Des Plaines, Ill. (June 30, 2016) – The Emergency Nurses Association applauds Delaware for becoming the latest state to better protect emergency nurses from assault. Gov. Jack Markell signed legislation this week to clarify under what circumstances emergency personnel are covered under the law governing assault in the second degree, which is a felony in Delaware.
Previously, for a violent attack to rise to the level of assault in the second degree against an ambulance operator, a rescue squad member, licensed practical nurse, registered nurse, paramedic or licensed medical doctor, the victim must have been rendering emergency care.
The new law now makes it a second-degree assault to attack an ambulance operator, a rescue squad member, licensed practical nurse, registered nurse, paramedic or licensed medical doctor while such person is performing a work-related duty, even if the victim is not specifically rendering emergency care at the time. Furthermore, it expands protection to any person providing emergency care.
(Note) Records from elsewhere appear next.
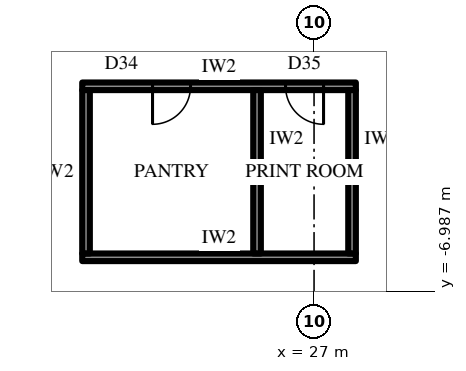
"""IFC4 building model, lengths in metres.
Left out: names, types, materials, properties, quantities, classifications, styles, units other than length and angle.
Written with IfcOpenShell. Run it as: python <this file> out.ifc"""

import sys

from ifc_helpers import new_model, si_unit, direction, frame, frame_2d, origin, place, context, subcontext, project, spatial, rectangle, extrude, element, fill, save


model = new_model("IFC4")
c1 = context("Model", 3, precision=1e-05, world=origin(), true_north=direction((0.0, 1.0)))
c2 = subcontext(c1, "Body", "Model", "MODEL_VIEW")
j1 = project(units=[si_unit("LENGTHUNIT", "METRE"), si_unit("PLANEANGLEUNIT", "RADIAN")], contexts=[c1])
p1 = place(None, origin())
s1 = spatial("IfcSite", under=j1, at=p1, CompositionType="ELEMENT")
p2 = place(p1, origin())
s2 = spatial("IfcBuilding", under=s1, at=p2, CompositionType="ELEMENT")
p3 = place(p2, frame((0.0, 0.0, 140.5)))
s3 = spatial("IfcBuildingStorey", under=s2, at=p3, CompositionType="ELEMENT", Elevation=140.5)
p4 = place(p3, frame((19.644, -28.675, 0.0), z_axis=(0.0, 0.0, 1.0), x_axis=(0.500003084452, 0.866023622968, 0.0)))
e1 = element("IfcWall", 1, at=p4, inside=s3, PredefinedType="SOLIDWALL", context=c2, shape_type="SweptSolid", body=[
    extrude(rectangle(XDim=30.022, YDim=0.3, at=frame_2d((15.011, 0.0))), origin(), (0.0, 0.0, 1.0), 2.75),
])
p5 = place(p4, frame((1.052, 0.0, 0.6)))
e2 = element("IfcOpeningElement", 2, at=p5, cuts=e1, PredefinedType="OPENING", context=c2, shape_type="SweptSolid", body=[
    extrude(rectangle(XDim=2.9, YDim=1.9, at=frame_2d((1.45, 0.95))), frame((0.0, 0.16, 0.0), z_axis=(0.0, -1.0, 0.0), x_axis=(1.0, 0.0, 0.0)), (0.0, 0.0, 1.0), 0.32),
])
p6 = place(p4, frame((6.056, 0.0, 0.6)))
e3 = element("IfcOpeningElement", 3, at=p6, cuts=e1, PredefinedType="OPENING", context=c2, shape_type="SweptSolid", body=[
    extrude(rectangle(XDim=2.9, YDim=1.9, at=frame_2d((1.45, 0.95))), frame((0.0, 0.16, 0.0), z_axis=(0.0, -1.0, 0.0), x_axis=(1.0, 0.0, 0.0)), (0.0, 0.0, 1.0), 0.32),
])
p7 = place(p4, frame((11.909, 0.0, 0.0)))
e4 = element("IfcOpeningElement", 4, at=p7, cuts=e1, PredefinedType="OPENING", context=c2, shape_type="SweptSolid", body=[
    extrude(rectangle(XDim=1.2, YDim=2.4, at=frame_2d((0.6, 1.2))), frame((0.0, 0.16, 0.0), z_axis=(0.0, -1.0, 0.0), x_axis=(1.0, 0.0, 0.0)), (0.0, 0.0, 1.0), 0.32),
])
p8 = place(p4, frame((16.063, 0.0, 0.6)))
e5 = element("IfcOpeningElement", 5, at=p8, cuts=e1, PredefinedType="OPENING", context=c2, shape_type="SweptSolid", body=[
    extrude(rectangle(XDim=2.9, YDim=1.9, at=frame_2d((1.45, 0.95))), frame((0.0, 0.16, 0.0), z_axis=(0.0, -1.0, 0.0), x_axis=(1.0, 0.0, 0.0)), (0.0, 0.0, 1.0), 0.32),
])
p9 = place(p4, frame((21.067, 0.0, 0.6)))
e6 = element("IfcOpeningElement", 6, at=p9, cuts=e1, PredefinedType="OPENING", context=c2, shape_type="SweptSolid", body=[
    extrude(rectangle(XDim=2.9, YDim=1.9, at=frame_2d((1.45, 0.95))), frame((0.0, 0.16, 0.0), z_axis=(0.0, -1.0, 0.0), x_axis=(1.0, 0.0, 0.0)), (0.0, 0.0, 1.0), 0.32),
])
p10 = place(p4, frame((26.07, 0.0, 0.6)))
e7 = element("IfcOpeningElement", 7, at=p10, cuts=e1, PredefinedType="OPENING", context=c2, shape_type="SweptSolid", body=[
    extrude(rectangle(XDim=2.9, YDim=1.9, at=frame_2d((1.45, 0.95))), frame((0.0, 0.16, 0.0), z_axis=(0.0, -1.0, 0.0), x_axis=(1.0, 0.0, 0.0)), (0.0, 0.0, 1.0), 0.32),
])
p11 = place(p3, frame((20.9, -1.6, 0.0), z_axis=(0.0, 0.0, 1.0), x_axis=(1.0, 0.0, 0.0)))
e8 = element("IfcWall", 8, at=p11, inside=s3, PredefinedType="PARTITIONING", context=c2, shape_type="SweptSolid", body=[
    extrude(rectangle(XDim=7.2, YDim=0.2, at=frame_2d((3.6, 0.0))), origin(), (0.0, 0.0, 1.0), 4.0),
])
p12 = place(p11, frame((1.85, 0.0, 0.0)))
e9 = element("IfcOpeningElement", 9, at=p12, cuts=e8, PredefinedType="OPENING", context=c2, shape_type="SweptSolid", body=[
    extrude(rectangle(XDim=1.0, YDim=2.2, at=frame_2d((0.5, 1.1))), frame((0.0, 0.11, 0.0), z_axis=(0.0, -1.0, 0.0), x_axis=(1.0, 0.0, 0.0)), (0.0, 0.0, 1.0), 0.22),
])
p13 = place(p11, frame((5.35, 0.0, 0.0)))
e10 = element("IfcOpeningElement", 10, at=p13, cuts=e8, PredefinedType="OPENING", context=c2, shape_type="SweptSolid", body=[
    extrude(rectangle(XDim=1.0, YDim=2.2, at=frame_2d((0.5, 1.1))), frame((0.0, 0.11, 0.0), z_axis=(0.0, -1.0, 0.0), x_axis=(1.0, 0.0, 0.0)), (0.0, 0.0, 1.0), 0.22),
])
p14 = place(p3, frame((20.9, -6.1, 0.0), z_axis=(0.0, 0.0, 1.0), x_axis=(1.0, 0.0, 0.0)))
e11 = element("IfcWall", 11, at=p14, inside=s3, PredefinedType="PARTITIONING", context=c2, shape_type="SweptSolid", body=[
    extrude(rectangle(XDim=7.2, YDim=0.2, at=frame_2d((3.6, 0.0))), origin(), (0.0, 0.0, 1.0), 4.0),
])
for number, where, z_axis, x_axis in (
    (12, (21.0, -1.7, 0.0), (0.0, 0.0, 1.0), (0.0, -1.0, 0.0)),
    (13, (25.5, -1.7, 0.0), (0.0, 0.0, 1.0), (0.0, -1.0, 0.0)),
    (14, (28.0, -1.7, 0.0), (0.0, 0.0, 1.0), (0.0, -1.0, 0.0)),
):
    element("IfcWall", number, at=place(p3, frame(where, z_axis=z_axis, x_axis=x_axis)), inside=s3, PredefinedType="PARTITIONING", context=c2, shape_type="SweptSolid", body=[
        extrude(rectangle(XDim=4.3, YDim=0.2, at=frame_2d((2.15, 0.0))), origin(), (0.0, 0.0, 1.0), 4.0),
    ])
p15 = place(p12, frame((1.0, 0.0, 0.0), z_axis=(0.0, 0.0, 1.0), x_axis=(-1.0, 0.0, 0.0)))
e15 = element("IfcDoor", 15, at=p15, inside=s3, OperationType="SINGLE_SWING_LEFT", PredefinedType="DOOR", context=c2, shape_type="SweptSolid", body=[
    extrude(rectangle(XDim=1.0, YDim=2.2, at=frame_2d((0.5, 1.1))), frame((0.0, 0.025, 0.0), z_axis=(0.0, -1.0, 0.0), x_axis=(1.0, 0.0, 0.0)), (0.0, 0.0, 1.0), 0.05),
])
fill(e9, e15)
p16 = place(p13, frame((1.0, 0.0, 0.0), z_axis=(0.0, 0.0, 1.0), x_axis=(-1.0, 0.0, 0.0)))
e16 = element("IfcDoor", 16, at=p16, inside=s3, OperationType="SINGLE_SWING_RIGHT", PredefinedType="DOOR", context=c2, shape_type="SweptSolid", body=[
    extrude(rectangle(XDim=1.0, YDim=2.2, at=frame_2d((0.5, 1.1))), frame((0.0, 0.025, 0.0), z_axis=(0.0, -1.0, 0.0), x_axis=(1.0, 0.0, 0.0)), (0.0, 0.0, 1.0), 0.05),
])
fill(e10, e16)
save(model, sys.argv[1])

“At one Delaware hospital, the number of calls to police to deal with disorderly patients reportedly jumped 300 percent from 2014 to 2015,” said ENA President Kathleen E. Carlson, MSN, RN, CEN, FAEN. “A federal GAO study released in March reported that workers in healthcare facilities experience higher estimated rates of nonfatal workplace violence than workers overall.
“This is an important issue and I want to thank the bill’s sponsor, Rep. Helene Keeley, and Delaware ENA President Kara Streets and Government Affairs Committee Chair Kelly Green-O'Shaughnessy for their efforts in making sure this bill became law.”
The bill had overwhelming support in the Delaware legislature. On May 10, it passed the House on a 36-1 vote. The Senate voted unanimously to approve it on June 14.
In recent months, both Utah and Georgia joined the ranks of states enhancing the criminal penalties for assaulting emergency nurses. More needs to be done, however. A 2014 study published in the Journal of Emergency Nursing
shows an underlying normalization of violence against healthcare professionals in both the healthcare and law enforcement systems, preventing effective interventions.